A role for p38 MAPK in caspase-3 activation has been reported in human neutrophils [38]. However, the mechanism of this activation is still poorly understood. p38 MAPK might regulate caspase-3 activation through direct molecular interaction. In neutrophils, p38 MAPK can directly phosphorylate and inhibit caspase-3 activity and apoptosis [38]. Another possibility is that p38 MAPK might phosphorylate and activate its substrate, such as MSK1 that interact with and activate caspase-3. In this study, we found that phosphorylated p38 MAPK was significantly increased after ischemia, whereas the activation of caspase-3 displayed lower activity. In addition, HPC increased the expression of phosphorylated p38 MAPK and MSK1 and blocked the activation of caspase-3. Furthermore, after p38 MAPK inhibitor SB203580 was administrated, the expression of phosphorylated p38 MAPK and MSK1 was significantly inhibited, and the activation of caspase-3 and neuronal damage was increased. Therefore, the present findings suggested that activated p38 MAPK/MSK1 pathway could add a chance of survival after HPC by keeping the activity of caspase-3 at low levels.

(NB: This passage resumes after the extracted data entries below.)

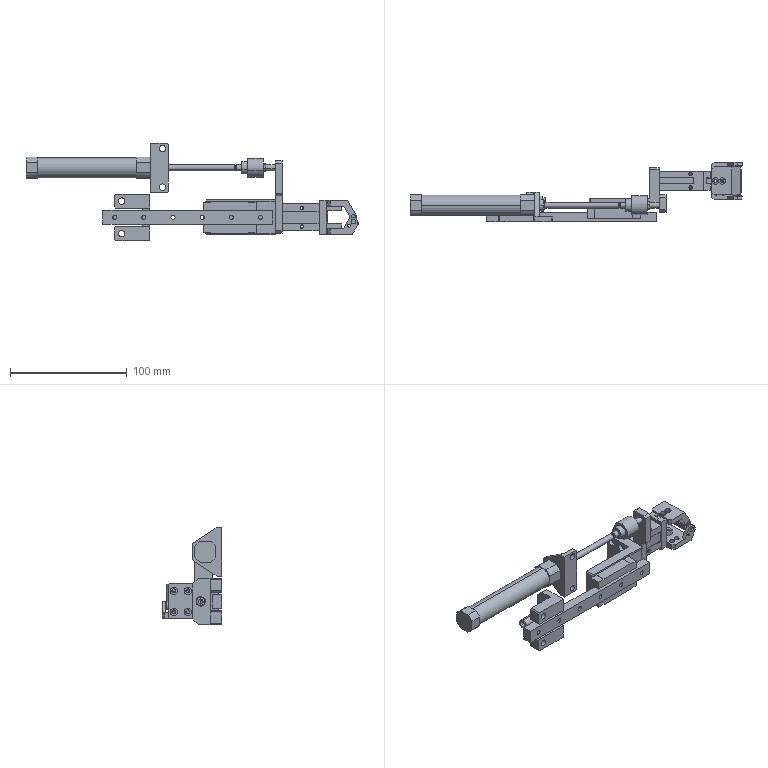Assembly | SolidWorks | mm | 18 component files | 19 solids | 629 faces | box 284.6 x 50.9 x 83.5 mm | volume 113198 mm3 | plane 271 | cylinder 235 | cone 123 | commonest cylinder face diameters 7 x31 2.46 x20 5.5 x16 3.4 x16 6.5 x16 5 x14 3.5 x12 6 x12
Bill of materials:
30604270309Roller | 1 | Teflon | Hollow cylindrical tube with a series of circumferential V-profile ridges along its middle length and plain cylindrical lands at both ends.
31298011300CylinderMountingPlate | 1 | Q235-A | L-shaped angle bracket with two plate legs at right angles, both drilled with several holes.
312981193FloatingJointConnection | 1 | Q235-A | Flat bar or link plate of constant thickness with a stepped, offset outline and three through holes.
312981493LimitBlock | 1 | Plain Carbon Steel | U- or C-shaped block made of two parallel arms joined by a back web. Each arm has a through hole, and the web has a larger hole on a perpendicular axis.
31298290203SupportFinger | 1 | Q235-A | Rectangular base plate with six through holes and two upright lugs at one end. The lugs have rounded tops and each carries a larger and a smaller hole.
31298300012MechanicalFinger | 1 | Q235-A | Bent, constant-section block: a flat top portion with two through holes, then an angled leg that ends in an open semicircular notch at its tip.
60100040019CylinderSupport | 1 | Q235-A | Angle bracket: a rectangular plate with two holes joined at right angles to a tapered, trapezoidal plate with one large hole.
60100060002HeadlessBufferScrewM8_40 | 1 | 45 | Solid cylindrical pin with chamfered ends and a short, smaller-diameter coaxial stub at one end.
CopyBody_A_CDJ2B16_60_B_0 | 1 |  | Elongated standoff-like part: a round central shaft between two polygonal (flat-sided) end sections, with a small cylindrical stub at one end that has an axial hole.
CopyRod_A_CDJ2B16_60_B_0 | 1 |  | Long, slender solid cylindrical rod with a narrow circumferential groove near one end and chamfered ends.
JA15_5_080 | 1 | 45 | Stepped coaxial turned part: a short pilot cylinder, a large cylindrical body, a small polygonal collar, then a chamfered cylindrical shaft.
MGN12H | 1 | Plain Carbon Steel | Elongated prismatic bar with a full-length rectangular channel on one face, giving a C-shaped cross-section. The middle portion is slightly taller than the end portions.
MGN12H145 | 1 | Plain Carbon Steel | Long, slender bar with a rectangular cross-section. A single row of six evenly spaced round holes runs along its length on one long face.
CopyBodyA_MHZ2-10D(11.2) | 1 |  | Rectangular block with a lengthwise slot or channel cut into its top, a thin lengthwise groove along one side face, and a wider stepped flange at one end. The flange has a rectangular notch. The block has round holes on its top and side faces.
OpticalAxis_4_32 | 1 | Q235-A | Plain solid round rod or pin: a straight cylinder with flat ends.
SiliconeStrip3x24 | 1 | Q235-A | Straight solid rod with a mostly round cross-section, plus a concave, curved cut running its full length along one side.
Mates:
1. concentric | MHZ2-10D-1/CopyCopyFinger2A_MHZ2-10D(11.2)-1 face at (192.17, 43.668, 45.929) dir (0, 0, -1) r 1.005 | 31298300012MechanicalFinger-1 face at (192.17, 43.668, 52.929) dir (0, 0, 1) r 1.45
2. parallel | MHZ2-10D-1/CopyCopyFinger2A_MHZ2-10D(11.2)-1 face at (200.87, 46.168, 47.929) dir (1, 0, 0) | 31298300012MechanicalFinger-1 face at (188.87, 31.668, 47.929) dir (-1, 0, 0)
3. concentric | MHZ2-10D-1/CopyBodyA_MHZ2-10D(11.2)-1 face at (147.655, 37.768, 47.329) dir (1, 0, 0) r 1.23 | 31298011300CylinderMountingPlate-2 face at (135.77, 37.768, 47.329) dir (1, 0, 0) r 3.25
4. concentric | MHZ2-10D-1/CopyBodyA_MHZ2-10D(11.2)-1 edge at (144.04, 49.768, 29.329) dir (-1, 0, 0) r 1.23 | 31298011300CylinderMountingPlate-2 face at (135.77, 49.768, 29.329) dir (1, 0, 0) r 3.25
5. coincident | MHZ2-10D-1/CopyBodyA_MHZ2-10D(11.2)-1 face at (143.77, 43.768, 38.329) dir (-1, 0, 0) | 31298011300CylinderMountingPlate-2 face at (143.77, 20.768, 53.329) dir (1, 0, 0)
6. coincident | 31298011300CylinderMountingPlate-2 face at (143.77, 20.768, 53.329) dir (1, 0, 0) | 312981193FloatingJointConnection-1 face at (143.77, 21.768, 56.829) dir (-1, 0, 0)
7. concentric | 31298011300CylinderMountingPlate-2 face at (94.77, 28.768, 48.329) dir (0, 1, 0) r 1.7 | MGN12H1R145Z0C-1/MGN12H-1 face at (94.77, 17.768, 48.329) dir (0, 1, 0) r 1.15
8. parallel | 31298011300CylinderMountingPlate-2 face at (83.77, 20.768, 23.329) dir (0, 0, -1) | MGN12H1R145Z0C-1/MGN12H-1 face at (82.07, 21.768, 24.829) dir (0, 0, -1)
9. concentric | 31298011300CylinderMountingPlate-2 face at (143.77, 26.768, 30.829) dir (1, 0, 0) r 1.65 | 312981193FloatingJointConnection-1 face at (149.77, 26.768, 30.829) dir (1, 0, 0) r 2.25
10. coincident | 312981493LimitBlock-1 face at (6.27, 8.768, 18.329) dir (0, -1, 0) | MGN12H1R145Z0C-1/MGN12H145-1 face at (141.27, 8.768, 44.329) dir (0, -1, 0)
11. parallel | 312981493LimitBlock-1 face at (6.27, 33.768, 18.329) dir (0, 0, -1) | MGN12H1R145Z0C-1/MGN12H145-1 face at (141.27, 16.768, 32.329) dir (0, 0, -1)
12. width | 312981493LimitBlock-1 face at (6.27, 33.768, 18.329) dir (0, 0, -1) | 312981493LimitBlock-1 face at (6.27, 33.768, 58.329) dir (0, 0, 1) | MGN12H1R145Z0C-1/MGN12H145-1 face at (141.27, 16.768, 32.329) dir (0, 0, -1) | MGN12H1R145Z0C-1/MGN12H145-1 face at (141.27, 16.768, 44.329) dir (0, 0, 1)
13. concentric | 312981493LimitBlock-1 face at (30.27, 26.768, 38.329) dir (-1, 0, 0) r 4 | 60100060002HeadlessBufferScrewM8_40-1 face at (4.492, 26.768, 38.329) dir (-1, 0, 0) r 4
14. distance | 60100060002HeadlessBufferScrewM8_40-1 face at (46.27, 26.768, 38.329) dir (1, 0, 0) | 312981493LimitBlock-1 face at (36.27, 33.768, 58.329) dir (1, 0, 0)
15. coincident | MGN12H1R145Z0C-1/MGN12H145-1 face at (141.27, 8.768, 44.329) dir (0, -1, 0) | 60100040019CylinderSupport-1 face at (41.27, 8.768, 101.829) dir (0, -1, 0)
16. distance | 60100040019CylinderSupport-1 face at (37.27, 8.768, 101.829) dir (-1, 0, 0) | MGN12H1R145Z0C-1/MGN12H145-1 face at (-3.73, 8.768, 44.329) dir (-1, 0, 0)
17. distance | 60100040019CylinderSupport-1 face at (41.27, 12.768, 59.829) dir (0, 0, -1) | MGN12H1R145Z0C-1/MGN12H145-1 face at (141.27, 16.768, 44.329) dir (0, 0, 1)
18. distance | 312981493LimitBlock-1 face at (6.27, 33.768, 58.329) dir (-1, 0, 0) | MGN12H1R145Z0C-1/MGN12H145-1 face at (-3.73, 8.768, 44.329) dir (-1, 0, 0)
19. parallel | 31298011300CylinderMountingPlate-2 face at (83.77, 20.768, 23.329) dir (0, 0, -1) | 312981193FloatingJointConnection-1 face at (149.77, 31.768, 24.829) dir (0, 0, -1)
20. coincident | 31298011300CylinderMountingPlate-2 face at (143.77, 21.768, 51.829) dir (0, -1, 0) | MGN12H1R145Z0C-1/MGN12H-1 face at (82.07, 21.768, 24.829) dir (0, 1, 0)
21. coincident | MHZ2-10D-1/CopyCopyFinger2A_MHZ2-10D(11.2)-1 face at (188.87, 46.168, 47.929) dir (0, 0, 1) | 31298300012MechanicalFinger-1 face at (202.697, 31.668, 47.929) dir (0, 0, -1)
22. concentric | 30604270309Roller-1 face at (210.87, 56.418, 34.729) dir (0, -1, 0) r 3.5 | OpticalAxis_4_32-1 face at (210.87, 27.668, 34.729) dir (0, 1, 0) r 2
23. width | OpticalAxis_4_32-1 face at (210.87, 59.668, 34.729) dir (0, 1, 0) | OpticalAxis_4_32-1 face at (210.87, 27.668, 34.729) dir (0, -1, 0) | 30604270309Roller-1 face at (210.87, 30.918, 34.729) dir (0, -1, 0) | 30604270309Roller-1 face at (210.87, 56.418, 34.729) dir (0, 1, 0)
24. coincident | MHZ2-10D-1/CopyCopyFinger1A_MHZ2-10D(11.2)-1 face at (200.87, 46.168, 28.729) dir (0, 0, -1) | 31298290203SupportFinger-1 face at (202.385, 59.668, 28.729) dir (0, 0, 1)
25. concentric | MHZ2-10D-1/CopyCopyFinger1A_MHZ2-10D(11.2)-1 face at (192.17, 43.668, 30.729) dir (0, 0, -1) r 1.005 | 31298290203SupportFinger-1 face at (192.17, 43.668, 23.729) dir (0, 0, -1) r 2.75
26. parallel | MHZ2-10D-1/CopyBodyA_MHZ2-10D(11.2)-1 face at (181.57, 43.768, 38.329) dir (-1, 0, 0) | 31298290203SupportFinger-1 face at (188.87, 59.668, 28.729) dir (-1, 0, 0)
27. concentric | OpticalAxis_4_32-1 face at (210.87, 27.668, 34.729) dir (0, 1, 0) r 2 | 31298290203SupportFinger-1 face at (210.87, 59.668, 34.729) dir (0, -1, 0) r 2
28. concentric | 31298300012MechanicalFinger-1 face at (210.87, 55.668, 38.929) dir (0, -1, 0) r 1.9 | SiliconeStrip3x24-1 face at (210.87, 31.668, 38.929) dir (0, 1, 0) r 1.9
29. coincident | 31298300012MechanicalFinger-1 face at (188.87, 31.668, 52.929) dir (0, -1, 0) | SiliconeStrip3x24-1 face at (210.87, 31.668, 38.929) dir (0, -1, 0)
30. concentric | 60100040019CylinderSupport-1 face at (37.27, 22.768, 80.829) dir (1, 0, 0) r 5.5 | A_CDJ2B16_60_B_0-1/CopyBody_A_CDJ2B16_60_B_0-1 face at (-69.48, 22.768, 80.829) dir (1, 0, 0) r 5
31. coincident | 60100040019CylinderSupport-1 face at (37.27, 8.768, 101.829) dir (-1, 0, 0) | A_CDJ2B16_60_B_0-1/CopyBody_A_CDJ2B16_60_B_0-1 face at (37.27, 22.768, 80.829) dir (1, 0, 0)
32. concentric | assembly face at (27.031, 22.768, 80.829) dir (1, 0, 0) r 2.5 | JA15_5_080-2 face at (115.27, 22.768, 80.829) dir (-1, 0, 0) r 8
33. distance | JA15_5_080-2 face at (115.27, 24.209, 75.694) dir (-1, 0, 0) | assembly face at (108.031, 22.768, 80.829) dir (1, 0, 0)
34. coincident | 312981193FloatingJointConnection-1 face at (149.77, 21.768, 56.829) dir (1, 0, 0) | JA15_5_080-2 face at (149.77, 22.768, 80.829) dir (1, 0, 0)
35. distance | A_CDJ2B16_60_B_0-1/CopyRod_A_CDJ2B16_60_B_0-1 face at (125.27, 22.768, 80.829) dir (1, 0, 0) | JA15_5_080-2 face at (115.27, 24.209, 75.694) dir (-1, 0, 0)
36. concentric | A_CDJ2B16_60_B_0-1/CopyRod_A_CDJ2B16_60_B_0-1 face at (44.27, 22.768, 80.829) dir (1, 0, 0) r 2.5 | JA15_5_080-2 face at (115.27, 22.768, 80.829) dir (-1, 0, 0) r 8
37. concentric | CopyBody_A_CDJ2B16_60_B_0-1 face at (0, 0, -114.75) dir (0, 0, 1) r 5 | CopyRod_A_CDJ2B16_60_B_0-1 face at (0, 0, -1) dir (0, 0, 1) r 2.5
38. distance | CopyRod_A_CDJ2B16_60_B_0-1 face at (0, 0, 80) dir (0, 0, 1) | CopyBody_A_CDJ2B16_60_B_0-1 face at (0, 0, -8) dir (0, 0, 1)
39. coincident | MGN12H145-1 face at (-2.255, -3.353, 6) dir (0, 1, 0) | MGN12H-1 face at (-81.133, -3.353, -6) dir (0, -1, 0)
40. coincident | MGN12H145-1 face at (-2.255, -3.353, 6) dir (0, 0, 1) | MGN12H-1 face at (-81.133, -3.353, 6) dir (0, 0, -1)
41. coincident | CopyCopyFinger1A_MHZ2-10D(11.2)-1 face at (-0.02537, 2.064, 0.1) dir (0, 1, 0) | CopyCopyFinger2A_MHZ2-10D(11.2)-1 face at (-0.02537, 2.064, 0.1) dir (0, 1, 0)
42. coincident | CopyCopyFinger1A_MHZ2-10D(11.2)-1 face at (0.07463, 2.064, 1.3) dir (0, 0, 1) | CopyCopyFinger2A_MHZ2-10D(11.2)-1 face at (-5.625, 2.064, 1.3) dir (0, 0, 1)
43. coincident | CopyBodyA_MHZ2-10D(11.2)-1 face at (31.475, -2.936, -3) dir (0, 0, 1) | CopyCopyFinger2A_MHZ2-10D(11.2)-1 face at (-0.1254, 2.064, -3) dir (0, 0, -1)
44. parallel | CopyCopyFinger1A_MHZ2-10D(11.2)-1 face at (0.07463, 2.064, -3) dir (-1, 0, 0) | CopyCopyFinger2A_MHZ2-10D(11.2)-1 face at (-0.1254, 2.064, 1.3) dir (1, 0, 0)
45. coincident | CopyBodyA_MHZ2-10D(11.2)-1 face at (31.475, -2.936, 1.2) dir (0, 1, 0) | CopyCopyFinger1A_MHZ2-10D(11.2)-1 face at (-0.02537, -2.936, 0.1) dir (0, -1, 0)
46. distance | CopyCopyFinger1A_MHZ2-10D(11.2)-1 face at (12.475, 2.064, 1.3) dir (1, 0, 0) | CopyBodyA_MHZ2-10D(11.2)-1 face at (14.475, -8.536, 0) dir (1, 0, 0)
47. distance | CopyCopyFinger2A_MHZ2-10D(11.2)-1 face at (-12.525, 2.064, -3) dir (-1, 0, 0) | CopyBodyA_MHZ2-10D(11.2)-1 face at (-14.525, 7.864, 0) dir (-1, 0, 0)

In summary, our study demonstrated that HPC could potentiate the survival pathway with p38 MAPK as the principal regulator to induce neuroprotection to tGCI in adult rats. To the best of our knowledge, we demonstrated that HPC mediated activation of its downstream target MSK-1 in tGCI brain for the first time. Our data also suggested that p38 MAPK/MSK1 signaling axis contributed to HPC-meditated neuroprotection, at least in part, through regulating the activation of caspase-3. To understand the mechanisms induced by hypoxia that led to neuroprotection against cerebral ischemia would be of very important for identifying potential novel therapeutic targets in cerebral ischemia/reperfusion injury.